# Need to rest a whole smoked chicken?



## cwb124 (Aug 10, 2008)

Sorry, I can't seem to find the answer.  Smoking my first whole bird today on the Traeger using hickory.  I have it all rubbed down ready to go on.

After I get the bird up to temp, is it recommended to rest the bird like is done with Brisket?  If so, for how long?


----------



## bmudd14474 (Aug 10, 2008)

I like to rest all the meat I do. It lets the juice go back up into the meat just like a brisket. I usually give it about 15-20 minutes. Just my 2 cents. Good luck on your bird.


----------



## travcoman45 (Aug 10, 2008)

Yup, I sure do, I'll give em 20 ta 30 minutes ta snooze an soak up there juices again.  Otherwise ifin ya cut em to soon all that goodness runs out on the plate an it takes a fair bit a flavor with it.  Good luck.


----------



## flatbroke (Aug 10, 2008)

Definitely rest them.  I tried it both ways one double wrapped with foil resting for 1/2 hour and the other cut about 5 min after taken out of smoker.  the wrapped one won hands down.  did you inject your bird?


----------



## cwb124 (Aug 10, 2008)

Did not inject the bird, although I have in the past when broiling them in the oven.  Definately the way to go, and I will do it next time.  I didn't brine either.
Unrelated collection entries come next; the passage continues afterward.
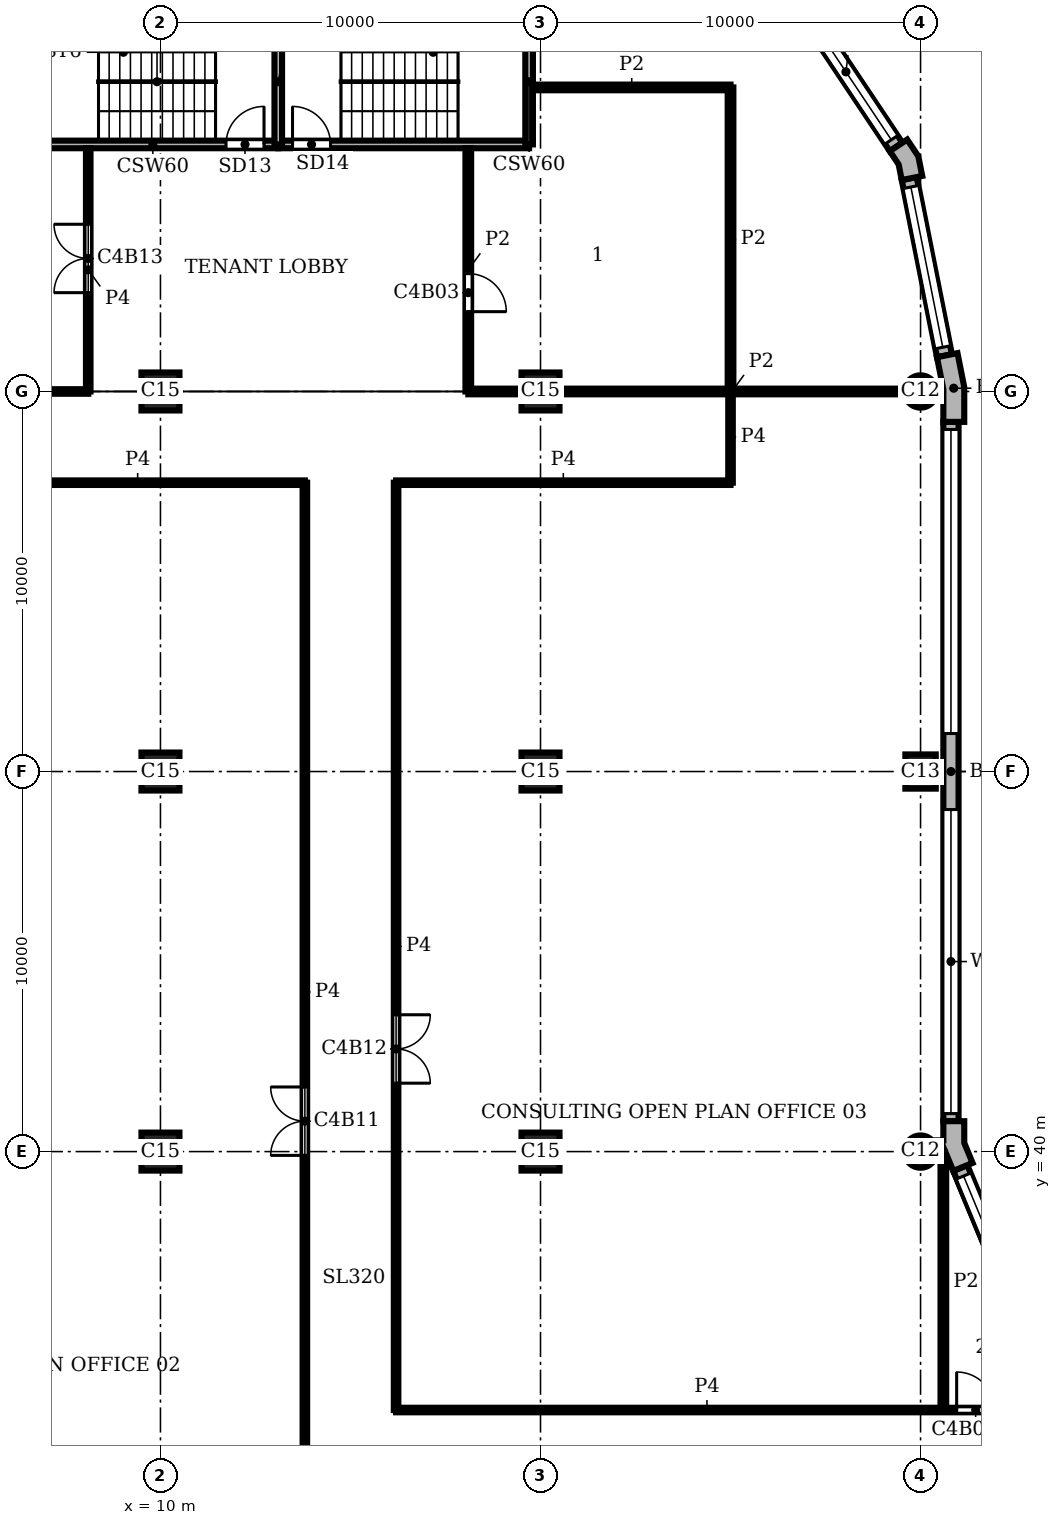
"""IFC4 building model, lengths in metres.
Left out: names, types, materials, properties, quantities, classifications, styles, units other than length and angle.
Written with IfcOpenShell. Run it as: python <this file> out.ifc"""

import sys

from ifc_helpers import new_model, si_unit, direction, frame, frame_2d, origin, origin_2d, place, context, subcontext, project, spatial, polyline, rectangle, circle, outline, extrude, element, fill, save


model = new_model("IFC4")
c1 = context("Model", 3, precision=1e-05, world=origin(), true_north=direction((0.0, 1.0)))
c2 = subcontext(c1, "Body", "Model", "MODEL_VIEW")
j1 = project(units=[si_unit("LENGTHUNIT", "METRE"), si_unit("PLANEANGLEUNIT", "RADIAN")], contexts=[c1])
p1 = place(None, origin())
s1 = spatial("IfcSite", under=j1, at=p1, CompositionType="ELEMENT")
p2 = place(p1, origin())
s2 = spatial("IfcBuilding", under=s1, at=p2, CompositionType="ELEMENT")
p3 = place(p2, frame((0.0, 0.0, 282.6)))
s3 = spatial("IfcBuildingStorey", under=s2, at=p3, CompositionType="ELEMENT", Elevation=282.6)
p4 = place(p3, frame((30.0, 40.0, 0.0), z_axis=(0.0, 0.0, 1.0), x_axis=(1.0, 0.0, 0.0)))
e1 = element("IfcColumn", 1, at=p4, inside=s3, PredefinedType="COLUMN", context=c2, shape_type="SweptSolid", body=[
    extrude(circle(Radius=0.425, at=origin_2d()), origin(), (0.0, 0.0, 1.0), 3.9),
])
p5 = place(p3, frame((30.0, 50.0, 0.0), z_axis=(0.0, 0.0, 1.0), x_axis=(0.0, 1.0, 0.0)))
e2 = element("IfcColumn", 2, at=p5, inside=s3, PredefinedType="COLUMN", context=c2, shape_type="SweptSolid", body=[
    extrude(rectangle(XDim=0.9, YDim=0.8, at=origin_2d()), origin(), (0.0, 0.0, 1.0), 3.9),
])
p6 = place(p3, frame((30.0, 60.0, 0.0), z_axis=(0.0, 0.0, 1.0), x_axis=(1.0, 0.0, 0.0)))
e3 = element("IfcColumn", 3, at=p6, inside=s3, PredefinedType="COLUMN", context=c2, shape_type="SweptSolid", body=[
    extrude(circle(Radius=0.425, at=origin_2d()), origin(), (0.0, 0.0, 1.0), 3.9),
])
for number, where, z_axis, x_axis in (
    (4, (10.0, 40.0, 0.0), (0.0, 0.0, 1.0), (1.0, 0.0, 0.0)),
    (5, (10.0, 50.0, 0.0), (0.0, 0.0, 1.0), (1.0, 0.0, 0.0)),
    (6, (10.0, 60.0, 0.0), (0.0, 0.0, 1.0), (1.0, 0.0, 0.0)),
    (7, (20.0, 40.0, 0.0), (0.0, 0.0, 1.0), (1.0, 0.0, 0.0)),
    (8, (20.0, 50.0, 0.0), (0.0, 0.0, 1.0), (1.0, 0.0, 0.0)),
    (9, (20.0, 60.0, 0.0), (0.0, 0.0, 1.0), (1.0, 0.0, 0.0)),
):
    element("IfcColumn", number, at=place(p3, frame(where, z_axis=z_axis, x_axis=x_axis)), inside=s3, PredefinedType="COLUMN", context=c2, shape_type="SweptSolid", body=[
        extrude(rectangle(XDim=1.0, YDim=1.0, at=origin_2d()), origin(), (0.0, 0.0, 1.0), 3.9),
    ])
p7 = place(p3, origin())
e10 = element("IfcWall", 10, at=p7, inside=s3, PredefinedType="SOLIDWALL", context=c2, shape_type="SweptSolid", body=[
    extrude(outline(polyline([(30.62, 39.995), (30.62, 40.071), (30.861, 39.49), (31.23, 39.644), (31.369, 39.701), (31.15, 40.229), (31.15, 40.8), (31.0, 40.8), (30.6, 40.8), (30.6, 40.295), (30.425, 40.295), (30.425, 39.995), (30.62, 39.995)])), origin(), (0.0, 0.0, 1.0), 3.9),
])
e11 = element("IfcWall", 11, at=p7, inside=s3, PredefinedType="SOLIDWALL", context=c2, shape_type="SweptSolid", body=[
    extrude(outline(polyline([(31.0, 59.2), (31.15, 59.2), (31.15, 60.113), (30.972, 61.009), (30.825, 60.98), (30.432, 60.902), (30.6, 60.059), (30.6, 59.2), (31.0, 59.2)])), origin(), (0.0, 0.0, 1.0), 3.9),
])
e12 = element("IfcWall", 12, at=p7, inside=s3, PredefinedType="SOLIDWALL", context=c2, shape_type="SweptSolid", body=[
    extrude(outline(polyline([(29.897, 65.641), (30.045, 65.67), (29.941, 66.189), (29.648, 66.629), (29.523, 66.545), (29.19, 66.323), (29.423, 65.974), (29.505, 65.563), (29.897, 65.641)])), origin(), (0.0, 0.0, 1.0), 3.9),
])
p8 = place(p3, frame((33.362, 33.974, 0.0), z_axis=(0.0, 0.0, 1.0), x_axis=(-0.382655745237, 0.923891000409, 0.0)))
e13 = element("IfcWall", 13, at=p8, inside=s3, PredefinedType="SOLIDWALL", context=c2, shape_type="SweptSolid", body=[
    extrude(rectangle(XDim=6.053, YDim=0.4, at=frame_2d((3.027, 0.0))), origin(), (0.0, 0.0, 1.0), 3.9),
])
p9 = place(p8, frame((0.227, 0.0, 0.9)))
e14 = element("IfcOpeningElement", 14, at=p9, cuts=e13, PredefinedType="OPENING", context=c2, shape_type="SweptSolid", body=[
    extrude(rectangle(XDim=5.6, YDim=2.35, at=frame_2d((2.8, 1.175))), frame((0.0, 0.21, 0.0), z_axis=(0.0, -1.0, 0.0), x_axis=(1.0, 0.0, 0.0)), (0.0, 0.0, 1.0), 0.42),
])
p10 = place(p3, frame((30.8, 40.8, 0.0), z_axis=(0.0, 0.0, 1.0), x_axis=(0.0, 1.0, 0.0)))
e15 = element("IfcWall", 15, at=p10, inside=s3, PredefinedType="SOLIDWALL", context=c2, shape_type="SweptSolid", body=[
    extrude(rectangle(XDim=18.4, YDim=0.4, at=frame_2d((9.2, 0.0))), origin(), (0.0, 0.0, 1.0), 3.9),
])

Well I goofed up on this bird.  I fired my Traeger up on high (375*) to get it started and forgot to change it.  1.5 hours later the bird was damn near done.  I set it to "smoke" which sits it right around 200 for a while but the temp still came up to 170 quickly so I pulled the bird after 2 hours.

It was thoroughly done, very juicy.  Just hardly any smoke flavor at all.  I used a combo hickory and alder since that's all I had left.  I will do mesquite next time and make sure I have my settings right.  Overall the bird tasted like an oven bird.  Very good and juicy with a nice crispy skin but no smoke flavor except a little in the skin and a little in parts of the extremities.  Oh well...I guess if it's edible it's not so bad after all.  

Right now I am making chicken soup from the carcass.  Does anyone have any experience making soup from a heavily smoked chicken?  How does it come out?


----------



## bb53chevpro (Aug 10, 2008)

Yup, just about everything needs a rest. Including us old guys.


----------



## dennisdocb (Aug 10, 2008)

Couldn't agree more..even on the smoked meat..rest everything it lets the juices redistribute


----------



## vince (Aug 10, 2008)

I agree all meat needs to rest.


----------



## meat-man (Aug 11, 2008)

Ya you need to let the meat rest all meat need's to rest. any where from 15-30 min.


----------



## pops6927 (Aug 11, 2008)

Never thought much about the meat resting... it was more like polishing off 2 beers while the wife fixes the sides, then I bring in the meat... had two or three cigarettes too... not now though, quit the dang things about 2 years ago.. just smoke meat, not lungs..


----------



## richoso1 (Aug 11, 2008)

What he said.


----------